So after reading reviews about this book touting it as brilliant and hilarious, I decided it would be the first non-fantasy, non-history book I would read in a long while that wasn't required for class. The first part of the novel just dragged on and on. The author takes a unique narration POV: most of the story is told with the narrator being someone only defined as "we". You never get a real sense of who is telling the story and just how many people there are overall, since the "we" is never fully defined to be anything other than the people working at this ad agency. At first, it was interesting, but I like to have certain things in a novel defined for me, and this was something that continually frustrated me.
Then there was the fact that this novel was supposed to be humorous. I didn't find anything that happened in it to be the slightest bit funny. Maybe there really are people out there like this, but I just couldn't imagine that all these people could be so horrible, especially in regards to the woman who's daughter was kidnapped and then killed. She was just someone they could gawk at and talk about, and not someone that should maybe be shown some compassion.
The highlight and turning point of this novel that made me want to continue reading was the point at which the story of the partner, Lynn, was told. It was not in the "we" point of view, but told in a usual third person narrative. It was just so honest and so heartbreaking, reading about this woman who seemed so alone and when she really needed to have loved ones in her life, she was instead sick and left to be fighting cancer by herself. And then she was too afraid to fight it so she just kept putting it off. It was very real, the emotions were very palpable. So of course to me it meant that maybe we would start seeing something different.

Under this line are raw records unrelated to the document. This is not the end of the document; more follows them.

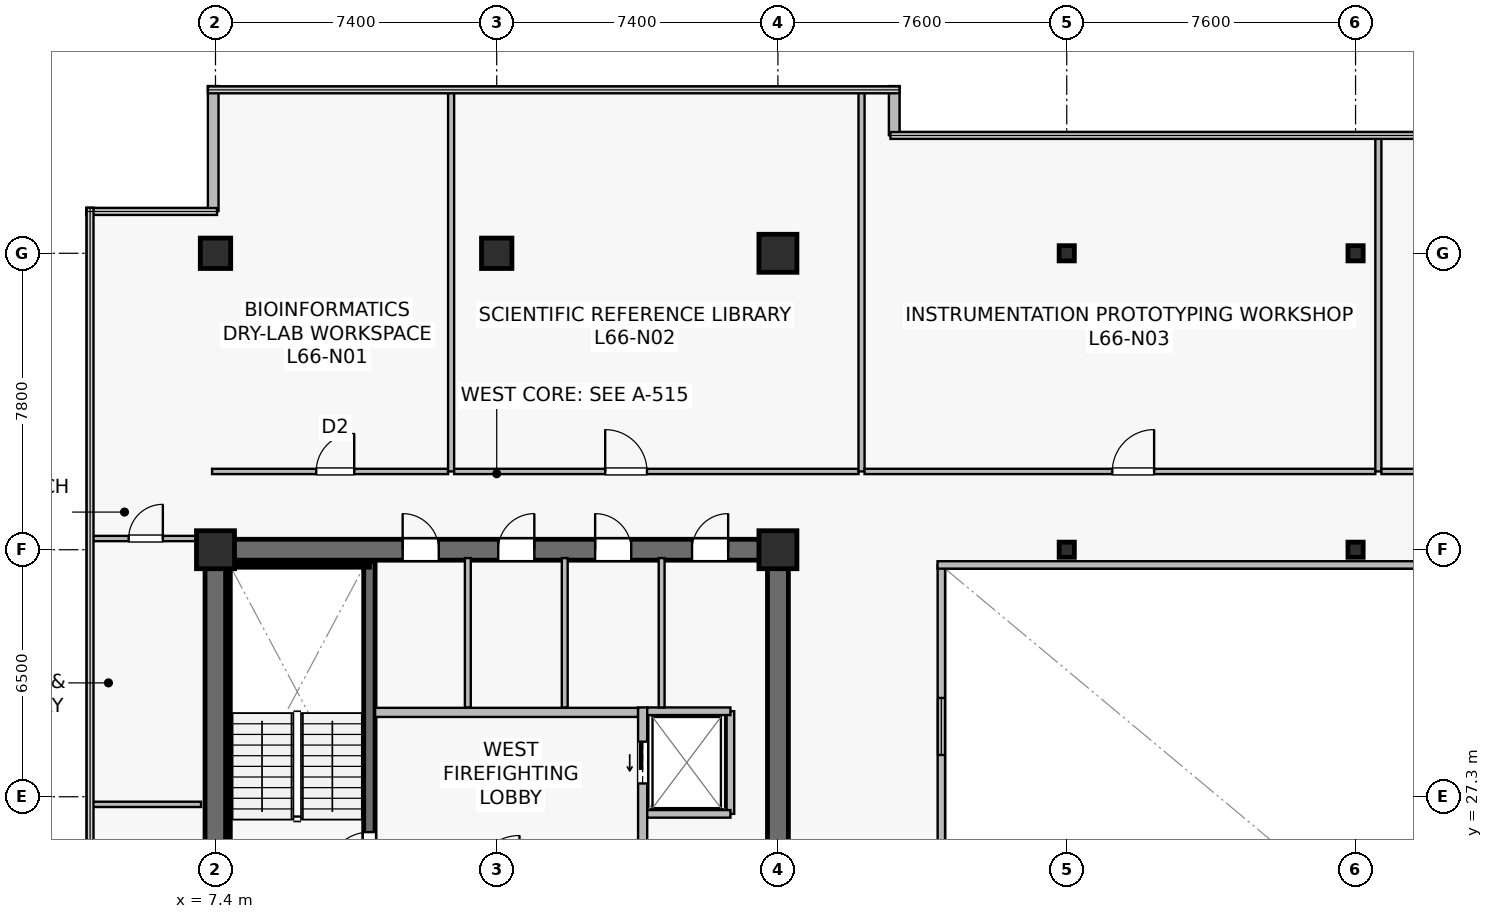
"""IFC4 building model, lengths in metres.
Left out: names, types, materials, properties, quantities, classifications, styles, units other than length and angle.
Written with IfcOpenShell. Run it as: python <this file> out.ifc"""

import sys

from ifc_helpers import new_model, si_unit, direction, frame, frame_2d, origin, origin_2d, place, context, subcontext, project, spatial, rectangle, hollow_rectangle, extrude, source, transform, mapped, element, fill, save


model = new_model("IFC4")
c1 = context("Model", 3, precision=1e-05, world=origin(), true_north=direction((0.0, 1.0)))
c2 = subcontext(c1, "Body", "Model", "MODEL_VIEW")
j1 = project(units=[si_unit("LENGTHUNIT", "METRE"), si_unit("PLANEANGLEUNIT", "RADIAN")], contexts=[c1])
p1 = place(None, origin())
s1 = spatial("IfcSite", under=j1, at=p1, CompositionType="ELEMENT")
p2 = place(p1, origin())
s2 = spatial("IfcBuilding", under=s1, at=p2, CompositionType="ELEMENT")
p3 = place(p2, frame((0.0, 0.0, 275.2)))
s3 = spatial("IfcBuildingStorey", under=s2, at=p3, CompositionType="ELEMENT", Elevation=275.2)
p4 = place(p3, frame((7.125, 33.8, 0.0), z_axis=(0.0, 0.0, 1.0), x_axis=(1.0, 0.0, 0.0)))
e1 = element("IfcWall", 1, at=p4, inside=s3, PredefinedType="SHEAR", context=c2, shape_type="SweptSolid", body=[
    extrude(rectangle(XDim=15.35, YDim=0.55, at=frame_2d((7.675, 0.0))), origin(), (0.0, 0.0, 1.0), 3.8),
])
p5 = place(p4, frame((5.2, 0.0, 0.0)))
e2 = element("IfcOpeningElement", 2, at=p5, cuts=e1, PredefinedType="OPENING", context=c2, shape_type="SweptSolid", body=[
    extrude(rectangle(XDim=0.95, YDim=2.15, at=frame_2d((0.475, 1.075))), frame((0.0, 0.285, 0.0), z_axis=(0.0, -1.0, 0.0), x_axis=(1.0, 0.0, 0.0)), (0.0, 0.0, 1.0), 0.57),
])
p6 = place(p4, frame((7.715, 0.0, 0.0)))
e3 = element("IfcOpeningElement", 3, at=p6, cuts=e1, PredefinedType="OPENING", context=c2, shape_type="SweptSolid", body=[
    extrude(rectangle(XDim=0.95, YDim=2.15, at=frame_2d((0.475, 1.075))), frame((0.0, 0.285, 0.0), z_axis=(0.0, -1.0, 0.0), x_axis=(1.0, 0.0, 0.0)), (0.0, 0.0, 1.0), 0.57),
])
p7 = place(p4, frame((10.265, 0.0, 0.0)))
e4 = element("IfcOpeningElement", 4, at=p7, cuts=e1, PredefinedType="OPENING", context=c2, shape_type="SweptSolid", body=[
    extrude(rectangle(XDim=0.95, YDim=2.15, at=frame_2d((0.475, 1.075))), frame((0.0, 0.285, 0.0), z_axis=(0.0, -1.0, 0.0), x_axis=(1.0, 0.0, 0.0)), (0.0, 0.0, 1.0), 0.57),
])
p8 = place(p4, frame((12.815, 0.0, 0.0)))
e5 = element("IfcOpeningElement", 5, at=p8, cuts=e1, PredefinedType="OPENING", context=c2, shape_type="SweptSolid", body=[
    extrude(rectangle(XDim=0.95, YDim=2.15, at=frame_2d((0.475, 1.075))), frame((0.0, 0.285, 0.0), z_axis=(0.0, -1.0, 0.0), x_axis=(1.0, 0.0, 0.0)), (0.0, 0.0, 1.0), 0.57),
])
p9 = place(p3, frame((7.4, 15.075, 0.0), z_axis=(0.0, 0.0, 1.0), x_axis=(0.0, 1.0, 0.0)))
e6 = element("IfcWall", 6, at=p9, inside=s3, PredefinedType="SHEAR", context=c2, shape_type="SweptSolid", body=[
    extrude(rectangle(XDim=18.45, YDim=0.55, at=frame_2d((9.225, 0.0))), origin(), (0.0, 0.0, 1.0), 3.8),
])
p10 = place(p3, frame((22.2, 15.075, 0.0), z_axis=(0.0, 0.0, 1.0), x_axis=(0.0, 1.0, 0.0)))
e7 = element("IfcWall", 7, at=p10, inside=s3, PredefinedType="SHEAR", context=c2, shape_type="SweptSolid", body=[
    extrude(rectangle(XDim=18.45, YDim=0.55, at=frame_2d((9.225, 0.0))), origin(), (0.0, 0.0, 1.0), 3.8),
])
p11 = place(p10, frame((3.475, 0.0, 0.0)))
e8 = element("IfcOpeningElement", 8, at=p11, cuts=e7, PredefinedType="OPENING", context=c2, shape_type="SweptSolid", body=[
    extrude(rectangle(XDim=1.42, YDim=2.2, at=frame_2d((0.71, 1.1))), frame((0.0, 0.285, 0.0), z_axis=(0.0, -1.0, 0.0), x_axis=(1.0, 0.0, 0.0)), (0.0, 0.0, 1.0), 0.57),
])
p12 = place(p3, frame((11.45, 24.85, 0.0), z_axis=(0.0, 0.0, 1.0), x_axis=(0.0, 1.0, 0.0)))
e9 = element("IfcWall", 9, at=p12, inside=s3, PredefinedType="SHEAR", context=c2, shape_type="SweptSolid", body=[
    extrude(rectangle(XDim=8.63, YDim=0.3, at=frame_2d((4.315, 0.0))), origin(), (0.0, 0.0, 1.0), 3.8),
])
p13 = place(p12, frame((0.42, 0.0, 0.0)))
e10 = element("IfcOpeningElement", 10, at=p13, cuts=e9, PredefinedType="OPENING", context=c2, shape_type="SweptSolid", body=[
    extrude(rectangle(XDim=1.1, YDim=2.15, at=frame_2d((0.55, 1.075))), frame((0.0, 0.16, 0.0), z_axis=(0.0, -1.0, 0.0), x_axis=(1.0, 0.0, 0.0)), (0.0, 0.0, 1.0), 0.32),
])
p14 = place(p3, frame((7.73, 33.4, 0.0), z_axis=(0.0, 0.0, 1.0), x_axis=(1.0, 0.0, 0.0)))
e11 = element("IfcWall", 11, at=p14, inside=s3, PredefinedType="SOLIDWALL", context=c2, shape_type="SweptSolid", body=[
    extrude(rectangle(XDim=3.72, YDim=0.12, at=frame_2d((1.86, 0.0))), origin(), (0.0, 0.0, 1.0), 3.8),
])
p15 = place(p3, frame((7.73, 25.0, 0.0), z_axis=(0.0, 0.0, 1.0), x_axis=(0.0, 1.0, 0.0)))
e12 = element("IfcWall", 12, at=p15, inside=s3, PredefinedType="SOLIDWALL", context=c2, shape_type="SweptSolid", body=[
    extrude(rectangle(XDim=8.32, YDim=0.12, at=frame_2d((4.16, 0.0))), origin(), (0.0, 0.0, 1.0), 3.8),
])
m1 = source(origin(), c2, "Body", "SweptSolid", [
    extrude(rectangle(XDim=1.0, YDim=1.0, at=origin_2d()), origin(), (0.0, 0.0, 1.0), 4.1),
])
for number, where, z_axis, x_axis in (
    (13, (7.4, 33.8, 0.0), (0.0, 0.0, 1.0), (1.0, 0.0, 0.0)),
    (14, (22.2, 33.8, 0.0), (0.0, 0.0, 1.0), (1.0, 0.0, 0.0)),
):
    element("IfcColumn", number, at=place(p3, frame(where, z_axis=z_axis, x_axis=x_axis)), inside=s3, PredefinedType="COLUMN", context=c2, shape_type="MappedRepresentation", body=[
        mapped(m1, transform((0.0, 0.0, 0.0), scale=1.0)),
    ])
m2 = source(origin(), c2, "Body", "SweptSolid", [
    extrude(rectangle(XDim=0.8, YDim=0.8, at=origin_2d()), origin(), (0.0, 0.0, 1.0), 4.1),
])
p16 = place(p3, frame((14.8, 41.6, 0.0), z_axis=(0.0, 0.0, 1.0), x_axis=(1.0, 0.0, 0.0)))
e15 = element("IfcColumn", 15, at=p16, inside=s3, PredefinedType="COLUMN", context=c2, shape_type="MappedRepresentation", body=[
    mapped(m2, transform((0.0, 0.0, 0.0), scale=1.0)),
])
p17 = place(p3, frame((22.2, 41.6, 0.0), z_axis=(0.0, 0.0, 1.0), x_axis=(1.0, 0.0, 0.0)))
e16 = element("IfcColumn", 16, at=p17, inside=s3, PredefinedType="COLUMN", context=c2, shape_type="MappedRepresentation", body=[
    mapped(m1, transform((0.0, 0.0, 0.0), scale=1.0)),
])
p18 = place(p3, frame((7.4, 41.6, 0.0), z_axis=(0.0, 0.0, 1.0), x_axis=(1.0, 0.0, 0.0)))
e17 = element("IfcColumn", 17, at=p18, inside=s3, PredefinedType="COLUMN", context=c2, shape_type="MappedRepresentation", body=[
    mapped(m2, transform((0.0, 0.0, 0.0), scale=1.0)),
])
m3 = source(origin(), c2, "Body", "SweptSolid", [
    extrude(hollow_rectangle(XDim=0.4, YDim=0.4, WallThickness=0.019, at=origin_2d()), origin(), (0.0, 0.0, 1.0), 4.1),
])
for number, where, z_axis, x_axis in (
    (18, (29.8, 33.8, 0.0), (0.0, 0.0, 1.0), (1.0, 0.0, 0.0)),
    (19, (29.8, 41.6, 0.0), (0.0, 0.0, 1.0), (1.0, 0.0, 0.0)),
    (20, (37.4, 33.8, 0.0), (0.0, 0.0, 1.0), (1.0, 0.0, 0.0)),
    (21, (37.4, 41.6, 0.0), (0.0, 0.0, 1.0), (1.0, 0.0, 0.0)),
):
    element("IfcColumn", number, at=place(p3, frame(where, z_axis=z_axis, x_axis=x_axis)), inside=s3, PredefinedType="COLUMN", context=c2, shape_type="MappedRepresentation", body=[
        mapped(m3, transform((0.0, 0.0, 0.0), scale=1.0)),
    ])
p19 = place(p3, frame((25.26, 44.707, 0.0), z_axis=(0.0, 0.0, 1.0), x_axis=(0.0, 1.0, 0.0)))
e22 = element("IfcWall", 22, at=p19, inside=s3, PredefinedType="STANDARD", context=c2, shape_type="SweptSolid", body=[
    extrude(rectangle(XDim=1.293, YDim=0.28, at=frame_2d((0.646, 0.0))), origin(), (0.0, 0.0, 1.0), 3.8),
])
p20 = place(p3, frame((7.34, 46.0, 0.0), z_axis=(0.0, 0.0, 1.0), x_axis=(0.0, -1.0, 0.0)))
e23 = element("IfcWall", 23, at=p20, inside=s3, PredefinedType="STANDARD", context=c2, shape_type="SweptSolid", body=[
    extrude(rectangle(XDim=3.288, YDim=0.28, at=frame_2d((1.644, 0.0))), origin(), (0.0, 0.0, 1.0), 3.8),
])
p21 = place(p3, frame((11.6, 29.52, 0.0), z_axis=(0.0, 0.0, 1.0), x_axis=(1.0, 0.0, 0.0)))
e24 = element("IfcWall", 24, at=p21, inside=s3, PredefinedType="SOLIDWALL", context=c2, shape_type="SweptSolid", body=[
    extrude(rectangle(XDim=6.92, YDim=0.24, at=frame_2d((3.46, 0.0))), origin(), (0.0, 0.0, 1.0), 3.197),
])
p22 = place(p3, frame((18.64, 22.8, 0.0), z_axis=(0.0, 0.0, 1.0), x_axis=(0.0, 1.0, 0.0)))
e25 = element("IfcWall", 25, at=p22, inside=s3, PredefinedType="SOLIDWALL", context=c2, shape_type="SweptSolid", body=[
    extrude(rectangle(XDim=6.85, YDim=0.24, at=frame_2d((3.425, 0.0))), origin(), (0.0, 0.0, 1.0), 2.935),
])
p23 = place(p22, frame((4.85, 0.0, 0.0)))
e26 = element("IfcOpeningElement", 26, at=p23, cuts=e25, PredefinedType="OPENING", context=c2, shape_type="SweptSolid", body=[
    extrude(rectangle(XDim=1.1, YDim=2.22, at=frame_2d((0.55, 1.11))), frame((0.0, 0.13, 0.0), z_axis=(0.0, -1.0, 0.0), x_axis=(1.0, 0.0, 0.0)), (0.0, 0.0, 1.0), 0.26),
])
p24 = place(p22, frame((1.0, 0.0, 0.0)))
e27 = element("IfcOpeningElement", 27, at=p24, cuts=e25, PredefinedType="OPENING", context=c2, shape_type="SweptSolid", body=[
    extrude(rectangle(XDim=1.2, YDim=2.22, at=frame_2d((0.6, 1.11))), frame((0.0, 0.13, 0.0), z_axis=(0.0, -1.0, 0.0), x_axis=(1.0, 0.0, 0.0)), (0.0, 0.0, 1.0), 0.26),
])
p25 = place(p3, frame((20.95, 26.85, 0.0), z_axis=(0.0, 0.0, 1.0), x_axis=(0.0, 1.0, 0.0)))
e28 = element("IfcWall", 28, at=p25, inside=s3, PredefinedType="SOLIDWALL", context=c2, shape_type="SweptSolid", body=[
    extrude(rectangle(XDim=2.7, YDim=0.2, at=frame_2d((1.35, 0.0))), origin(), (0.0, 0.0, 1.0), 3.8),
])
p26 = place(p3, frame((18.76, 29.55, 0.0), z_axis=(0.0, 0.0, 1.0), x_axis=(1.0, 0.0, 0.0)))
e29 = element("IfcWall", 29, at=p26, inside=s3, PredefinedType="SOLIDWALL", context=c2, shape_type="SweptSolid", body=[
    extrude(rectangle(XDim=2.19, YDim=0.2, at=frame_2d((1.095, 0.0))), origin(), (0.0, 0.0, 1.0), 3.8),
])
p27 = place(p3, frame((18.76, 26.85, 0.0), z_axis=(0.0, 0.0, 1.0), x_axis=(1.0, 0.0, 0.0)))
e30 = element("IfcWall", 30, at=p27, inside=s3, PredefinedType="SOLIDWALL", context=c2, shape_type="SweptSolid", body=[
    extrude(rectangle(XDim=2.19, YDim=0.2, at=frame_2d((1.095, 0.0))), origin(), (0.0, 0.0, 1.0), 3.197),
])
for number, where, z_axis, x_axis in (
    (31, (14.04, 29.65, 0.0), (0.0, 0.0, 1.0), (0.0, 1.0, 0.0)),
    (32, (16.59, 29.65, 0.0), (0.0, 0.0, 1.0), (0.0, 1.0, 0.0)),
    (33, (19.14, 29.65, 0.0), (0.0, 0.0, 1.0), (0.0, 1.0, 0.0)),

But then the novel went back to the voice it had before, except it seemed that things were a little more serious in tone than they were before. At this point I was just waiting for the end, and I like that the author left the fate of Joe Pope up in the air, while defining the lives of the other characters five years later. Though I'm not entirely certain that I understand what he meant in his last line when he wrote, "We were the only two left. Just the two of us, you and me." Because this threw in a whole lot more strangeness and it may seem to have defined the POV a little more, but just left me that much more confused.
Overall, I guess this is a good novel, definitely for a debut work by this author. I just don't like stories that aren't in a fantastical, fictional world, so I guess I didn't connect to this novel as much as someone else might. Enjoyable if you like this brand of humor, but to me there was only that one highlight, the gem in the middle of the story from Lynn's POV.